If I could do it all over again I would major in Applied Math or Statistics, and minor in Finance and Computer Science. Math is mostly what you need for FinEng program and it's the most challenging part. Someone might argue that Computer Science is the most important, which is true for some of the job positions. Majoring in Applied Math or Statistics would probably still require taking some extra math classes to satisfies the prerequisites for a Fin Eng program.

Visit the websites of Berkeley and Stanford, their programs have the most detailed descriptions of prerequisite courses. Stanford prerequisites are the most rigorous of all the better programs in the US, if you have all those courses you'll be good to go.

yep, I can still change any major at this moment. thank you for your time.

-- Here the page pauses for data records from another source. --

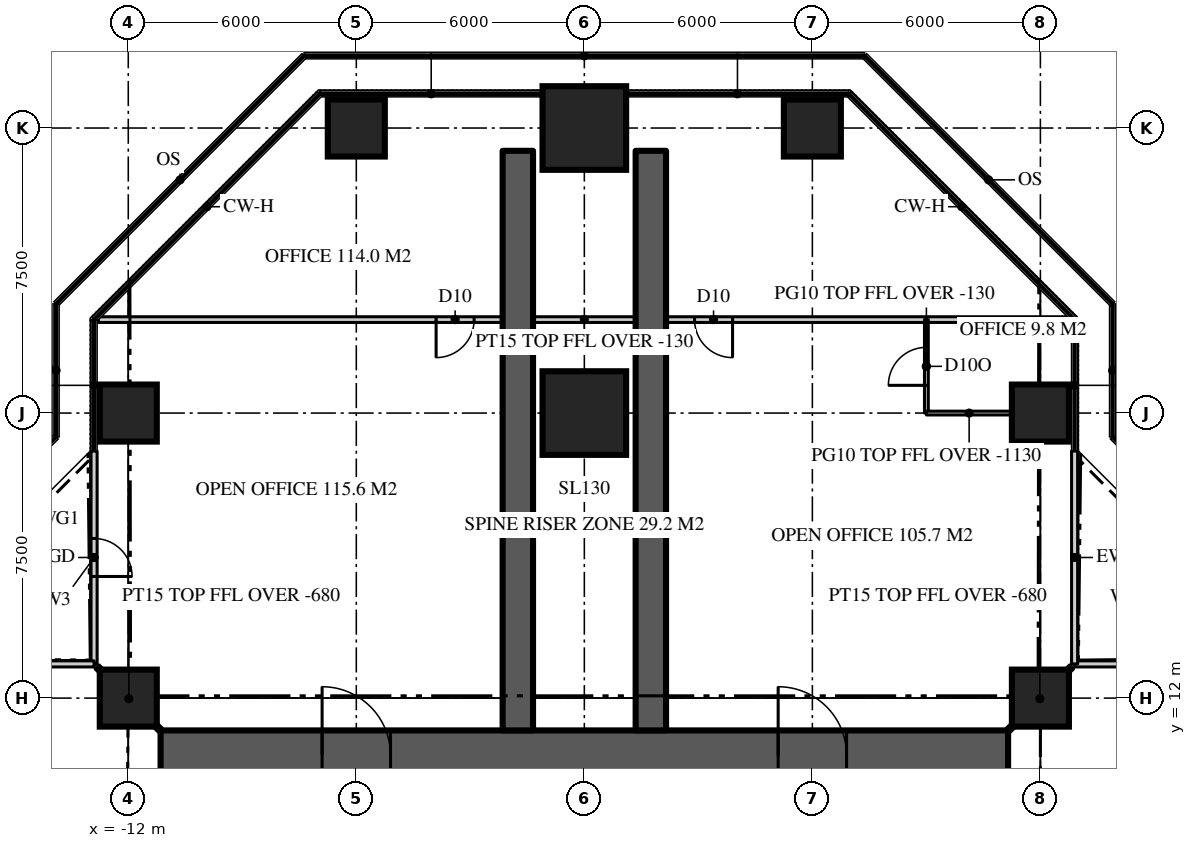
"""IFC4 building model, lengths in metres.
Left out: names, types, materials, properties, quantities, classifications, styles, units other than length and angle.
Written with IfcOpenShell. Run it as: python <this file> out.ifc"""

import sys

from ifc_helpers import new_model, si_unit, direction, frame, frame_2d, origin, origin_2d, place, context, subcontext, project, spatial, rectangle, extrude, element, fill, save


model = new_model("IFC4")
c1 = context("Model", 3, precision=1e-05, world=origin(), true_north=direction((0.0, 1.0)))
c2 = subcontext(c1, "Body", "Model", "MODEL_VIEW")
j1 = project(units=[si_unit("LENGTHUNIT", "METRE"), si_unit("PLANEANGLEUNIT", "RADIAN")], contexts=[c1])
p1 = place(None, origin())
s1 = spatial("IfcSite", under=j1, at=p1, CompositionType="ELEMENT")
p2 = place(p1, origin())
s2 = spatial("IfcBuilding", under=s1, at=p2, CompositionType="ELEMENT")
p3 = place(p2, frame((0.0, 0.0, 216.6)))
s3 = spatial("IfcBuildingStorey", under=s2, at=p3, CompositionType="ELEMENT", Elevation=216.6)
p4 = place(p3, frame((-11.15, 10.5, 0.0), z_axis=(0.0, 0.0, 1.0), x_axis=(1.0, 0.0, 0.0)))
e1 = element("IfcWall", 1, at=p4, inside=s3, PredefinedType="SHEAR", context=c2, shape_type="SweptSolid", body=[
    extrude(rectangle(XDim=22.3, YDim=1.3, at=frame_2d((11.15, 0.0))), origin(), (0.0, 0.0, 1.0), 3.9),
])
p5 = place(p4, frame((4.25, 0.0, 0.0)))
e2 = element("IfcOpeningElement", 2, at=p5, cuts=e1, PredefinedType="OPENING", context=c2, shape_type="SweptSolid", body=[
    extrude(rectangle(XDim=1.8, YDim=2.2, at=frame_2d((0.9, 1.1))), frame((0.0, 0.66, 0.0), z_axis=(0.0, -1.0, 0.0), x_axis=(1.0, 0.0, 0.0)), (0.0, 0.0, 1.0), 1.32),
])
p6 = place(p4, frame((16.25, 0.0, 0.0)))
e3 = element("IfcOpeningElement", 3, at=p6, cuts=e1, PredefinedType="OPENING", context=c2, shape_type="SweptSolid", body=[
    extrude(rectangle(XDim=1.8, YDim=2.2, at=frame_2d((0.9, 1.1))), frame((0.0, 0.66, 0.0), z_axis=(0.0, -1.0, 0.0), x_axis=(1.0, 0.0, 0.0)), (0.0, 0.0, 1.0), 1.32),
])
for number, where, z_axis, x_axis in (
    (4, (1.75, 11.15, 0.0), (0.0, 0.0, 1.0), (0.0, 1.0, 0.0)),
    (5, (-1.75, 11.15, 0.0), (0.0, 0.0, 1.0), (0.0, 1.0, 0.0)),
):
    element("IfcWall", number, at=place(p3, frame(where, z_axis=z_axis, x_axis=x_axis)), inside=s3, PredefinedType="SHEAR", context=c2, shape_type="SweptSolid", body=[
        extrude(rectangle(XDim=15.25, YDim=0.8, at=frame_2d((7.625, 0.0))), origin(), (0.0, 0.0, 1.0), 3.9),
    ])
for number, where, z_axis, x_axis in (
    (6, (-12.0, 12.0, 0.0), (0.0, 0.0, 1.0), (1.0, 0.0, 0.0)),
    (7, (12.0, 12.0, 0.0), (0.0, 0.0, 1.0), (1.0, 0.0, 0.0)),
    (8, (-12.0, 19.5, 0.0), (0.0, 0.0, 1.0), (1.0, 0.0, 0.0)),
):
    element("IfcColumn", number, at=place(p3, frame(where, z_axis=z_axis, x_axis=x_axis)), inside=s3, PredefinedType="COLUMN", context=c2, shape_type="SweptSolid", body=[
        extrude(rectangle(XDim=1.5, YDim=1.5, at=origin_2d()), origin(), (0.0, 0.0, 1.0), 3.9),
    ])
p7 = place(p3, frame((0.0, 19.5, 0.0), z_axis=(0.0, 0.0, 1.0), x_axis=(1.0, 0.0, 0.0)))
e9 = element("IfcColumn", 9, at=p7, inside=s3, PredefinedType="COLUMN", context=c2, shape_type="SweptSolid", body=[
    extrude(rectangle(XDim=2.2, YDim=2.2, at=origin_2d()), origin(), (0.0, 0.0, 1.0), 3.9),
])
for number, where, z_axis, x_axis in (
    (10, (12.0, 19.5, 0.0), (0.0, 0.0, 1.0), (1.0, 0.0, 0.0)),
    (11, (-6.0, 27.0, 0.0), (0.0, 0.0, 1.0), (1.0, 0.0, 0.0)),
):
    element("IfcColumn", number, at=place(p3, frame(where, z_axis=z_axis, x_axis=x_axis)), inside=s3, PredefinedType="COLUMN", context=c2, shape_type="SweptSolid", body=[
        extrude(rectangle(XDim=1.5, YDim=1.5, at=origin_2d()), origin(), (0.0, 0.0, 1.0), 3.9),
    ])
p8 = place(p3, frame((0.0, 27.0, 0.0), z_axis=(0.0, 0.0, 1.0), x_axis=(1.0, 0.0, 0.0)))
e12 = element("IfcColumn", 12, at=p8, inside=s3, PredefinedType="COLUMN", context=c2, shape_type="SweptSolid", body=[
    extrude(rectangle(XDim=2.2, YDim=2.2, at=origin_2d()), origin(), (0.0, 0.0, 1.0), 3.9),
])
p9 = place(p3, frame((6.0, 27.0, 0.0), z_axis=(0.0, 0.0, 1.0), x_axis=(1.0, 0.0, 0.0)))
e13 = element("IfcColumn", 13, at=p9, inside=s3, PredefinedType="COLUMN", context=c2, shape_type="SweptSolid", body=[
    extrude(rectangle(XDim=1.5, YDim=1.5, at=origin_2d()), origin(), (0.0, 0.0, 1.0), 3.9),
])
p10 = place(p3, frame((18.5, 12.9, 0.0), z_axis=(0.0, 0.0, 1.0), x_axis=(-1.0, 0.0, 0.0)))
e14 = element("IfcWall", 14, at=p10, inside=s3, PredefinedType="SOLIDWALL", context=c2, shape_type="SweptSolid", body=[
    extrude(rectangle(XDim=5.6, YDim=0.16, at=frame_2d((2.8, 0.0))), origin(), (0.0, 0.0, 1.0), 3.77),
])
p11 = place(p10, frame((2.3, 0.0, 0.0)))
e15 = element("IfcOpeningElement", 15, at=p11, cuts=e14, PredefinedType="OPENING", context=c2, shape_type="SweptSolid", body=[
    extrude(rectangle(XDim=1.0, YDim=2.2, at=frame_2d((0.5, 1.1))), frame((0.0, 0.09, 0.0), z_axis=(0.0, -1.0, 0.0), x_axis=(1.0, 0.0, 0.0)), (0.0, 0.0, 1.0), 0.18),
])
p12 = place(p3, frame((12.9, 12.9, 0.0), z_axis=(0.0, 0.0, 1.0), x_axis=(0.0, 1.0, 0.0)))
e16 = element("IfcWall", 16, at=p12, inside=s3, PredefinedType="SOLIDWALL", context=c2, shape_type="SweptSolid", body=[
    extrude(rectangle(XDim=5.6, YDim=0.16, at=frame_2d((2.8, 0.0))), origin(), (0.0, 0.0, 1.0), 3.77),
])
p13 = place(p3, frame((-12.9, 18.5, 0.0), z_axis=(0.0, 0.0, 1.0), x_axis=(0.0, -1.0, 0.0)))
e17 = element("IfcWall", 17, at=p13, inside=s3, PredefinedType="SOLIDWALL", context=c2, shape_type="SweptSolid", body=[
    extrude(rectangle(XDim=5.6, YDim=0.16, at=frame_2d((2.8, 0.0))), origin(), (0.0, 0.0, 1.0), 3.77),
])
p14 = place(p13, frame((2.3, 0.0, 0.0)))
e18 = element("IfcOpeningElement", 18, at=p14, cuts=e17, PredefinedType="OPENING", context=c2, shape_type="SweptSolid", body=[
    extrude(rectangle(XDim=1.0, YDim=2.2, at=frame_2d((0.5, 1.1))), frame((0.0, 0.09, 0.0), z_axis=(0.0, -1.0, 0.0), x_axis=(1.0, 0.0, 0.0)), (0.0, 0.0, 1.0), 0.18),
])
p15 = place(p3, frame((-12.9, 12.9, 0.0), z_axis=(0.0, 0.0, 1.0), x_axis=(-1.0, 0.0, 0.0)))
e19 = element("IfcWall", 19, at=p15, inside=s3, PredefinedType="SOLIDWALL", context=c2, shape_type="SweptSolid", body=[
    extrude(rectangle(XDim=5.6, YDim=0.16, at=frame_2d((2.8, 0.0))), origin(), (0.0, 0.0, 1.0), 3.77),
])
p16 = place(p3, frame((12.786, 21.959, 0.0), z_axis=(0.0, 0.0, 1.0), x_axis=(-1.0, 0.0, 0.0)))
e20 = element("IfcWall", 20, at=p16, inside=s3, PredefinedType="PARTITIONING", context=c2, shape_type="SweptSolid", body=[
    extrude(rectangle(XDim=25.573, YDim=0.15, at=frame_2d((12.786, 0.0))), origin(), (0.0, 0.0, 1.0), 3.77),
])
p17 = place(p16, frame((15.687, 0.0, 0.0)))
e21 = element("IfcOpeningElement", 21, at=p17, cuts=e20, PredefinedType="OPENING", context=c2, shape_type="SweptSolid", body=[
    extrude(rectangle(XDim=1.0, YDim=2.2, at=frame_2d((0.5, 1.1))), frame((0.0, 0.085, 0.0), z_axis=(0.0, -1.0, 0.0), x_axis=(1.0, 0.0, 0.0)), (0.0, 0.0, 1.0), 0.17),
])
p18 = place(p16, frame((8.886, 0.0, 0.0)))
e22 = element("IfcOpeningElement", 22, at=p18, cuts=e20, PredefinedType="OPENING", context=c2, shape_type="SweptSolid", body=[
    extrude(rectangle(XDim=1.0, YDim=2.2, at=frame_2d((0.5, 1.1))), frame((0.0, 0.085, 0.0), z_axis=(0.0, -1.0, 0.0), x_axis=(1.0, 0.0, 0.0)), (0.0, 0.0, 1.0), 0.17),
])
p19 = place(p3, frame((9.0, 19.5, 0.0), z_axis=(0.0, 0.0, 1.0), x_axis=(0.0, 1.0, 0.0)))
e23 = element("IfcWall", 23, at=p19, inside=s3, PredefinedType="PARTITIONING", context=c2, shape_type="SweptSolid", body=[
    extrude(rectangle(XDim=2.459, YDim=0.1, at=frame_2d((1.229, 0.0))), origin(), (0.0, 0.0, 1.0), 3.77),
])
p20 = place(p19, frame((0.729, 0.0, 0.0)))
e24 = element("IfcOpeningElement", 24, at=p20, cuts=e23, PredefinedType="OPENING", context=c2, shape_type="SweptSolid", body=[
    extrude(rectangle(XDim=1.0, YDim=2.2, at=frame_2d((0.5, 1.1))), frame((0.0, 0.06, 0.0), z_axis=(0.0, -1.0, 0.0), x_axis=(1.0, 0.0, 0.0)), (0.0, 0.0, 1.0), 0.12),
])
p21 = place(p3, frame((9.0, 19.5, 0.0), z_axis=(0.0, 0.0, 1.0), x_axis=(1.0, 0.0, 0.0)))
e25 = element("IfcWall", 25, at=p21, inside=s3, PredefinedType="PARTITIONING", context=c2, shape_type="SweptSolid", body=[
    extrude(rectangle(XDim=2.25, YDim=0.1, at=frame_2d((1.125, 0.0))), origin(), (0.0, 0.0, 1.0), 2.77),
])
for number, where, z_axis, x_axis in (
    (26, (11.15, 11.15, 0.0), (0.0, 0.0, 1.0), (0.707, 0.707, 0.0)),
    (27, (-11.15, 11.15, 0.0), (0.0, 0.0, 1.0), (-0.707, 0.707, 0.0)),
):
    element("IfcWall", number, at=place(p3, frame(where, z_axis=z_axis, x_axis=x_axis)), inside=s3, PredefinedType="PARTITIONING", context=c2, shape_type="SweptSolid", body=[
        extrude(rectangle(XDim=2.362, YDim=0.15, at=frame_2d((1.181, 0.0))), origin(), (0.0, 0.0, 1.0), 3.22),
    ])
p22 = place(p14, origin())
e28 = element("IfcDoor", 28, at=p22, inside=s3, OperationType="SINGLE_SWING_RIGHT", PredefinedType="DOOR", context=c2, shape_type="SweptSolid", body=[
    extrude(rectangle(XDim=1.0, YDim=2.2, at=frame_2d((0.5, 1.1))), frame((0.0, 0.025, 0.0), z_axis=(0.0, -1.0, 0.0), x_axis=(1.0, 0.0, 0.0)), (0.0, 0.0, 1.0), 0.05),
])
fill(e18, e28)
p23 = place(p5, origin())
e29 = element("IfcDoor", 29, at=p23, inside=s3, OperationType="DOUBLE_DOOR_DOUBLE_SWING", PredefinedType="DOOR", context=c2, shape_type="SweptSolid", body=[
    extrude(rectangle(XDim=1.8, YDim=2.2, at=frame_2d((0.9, 1.1))), frame((0.0, 0.025, 0.0), z_axis=(0.0, -1.0, 0.0), x_axis=(1.0, 0.0, 0.0)), (0.0, 0.0, 1.0), 0.05),
])
fill(e2, e29)
p24 = place(p6, origin())
e30 = element("IfcDoor", 30, at=p24, inside=s3, OperationType="DOUBLE_DOOR_DOUBLE_SWING", PredefinedType="DOOR", context=c2, shape_type="SweptSolid", body=[
    extrude(rectangle(XDim=1.8, YDim=2.2, at=frame_2d((0.9, 1.1))), frame((0.0, 0.025, 0.0), z_axis=(0.0, -1.0, 0.0), x_axis=(1.0, 0.0, 0.0)), (0.0, 0.0, 1.0), 0.05),
])
fill(e3, e30)
p25 = place(p17, origin())
e31 = element("IfcDoor", 31, at=p25, inside=s3, OperationType="SINGLE_SWING_RIGHT", PredefinedType="DOOR", context=c2, shape_type="SweptSolid", body=[
    extrude(rectangle(XDim=1.0, YDim=2.2, at=frame_2d((0.5, 1.1))), frame((0.0, 0.025, 0.0), z_axis=(0.0, -1.0, 0.0), x_axis=(1.0, 0.0, 0.0)), (0.0, 0.0, 1.0), 0.05),
])
fill(e21, e31)
p26 = place(p18, origin())
e32 = element("IfcDoor", 32, at=p26, inside=s3, OperationType="SINGLE_SWING_LEFT", PredefinedType="DOOR", context=c2, shape_type="SweptSolid", body=[
    extrude(rectangle(XDim=1.0, YDim=2.2, at=frame_2d((0.5, 1.1))), frame((0.0, 0.025, 0.0), z_axis=(0.0, -1.0, 0.0), x_axis=(1.0, 0.0, 0.0)), (0.0, 0.0, 1.0), 0.05),
])
fill(e22, e32)
p27 = place(p20, origin())
e33 = element("IfcDoor", 33, at=p27, inside=s3, OperationType="SINGLE_SWING_LEFT", PredefinedType="DOOR", context=c2, shape_type="SweptSolid", body=[
    extrude(rectangle(XDim=1.0, YDim=2.2, at=frame_2d((0.5, 1.1))), frame((0.0, 0.025, 0.0), z_axis=(0.0, -1.0, 0.0), x_axis=(1.0, 0.0, 0.0)), (0.0, 0.0, 1.0), 0.05),
])
fill(e24, e33)
save(model, sys.argv[1])

I will go check their websites.
 
Your major may not matter for MFE admissions because the ad board will actually look at what courses you have taken, but for a job application your major could matter.

If you don't want to double major then I would recommend majoring in Computer Science (assuming you enjoy it to some degree) and minoring in math/statistics and finance (third minor in economics could be interesting).

Since you proclaim yourself ambitious, I'll recommend you double/triple major in Computer Science and Math/Statistics (third major in finance) with minors in economics and physics. All of this is pretty overboard but covers alot of material!

Don't forget the importance of building relationships with professors for future letters of recommendation and internships. At a minimal I would recommend trying to do 2 internships: a finance internship (investment bank, hedge fund, etc) and a programming internship.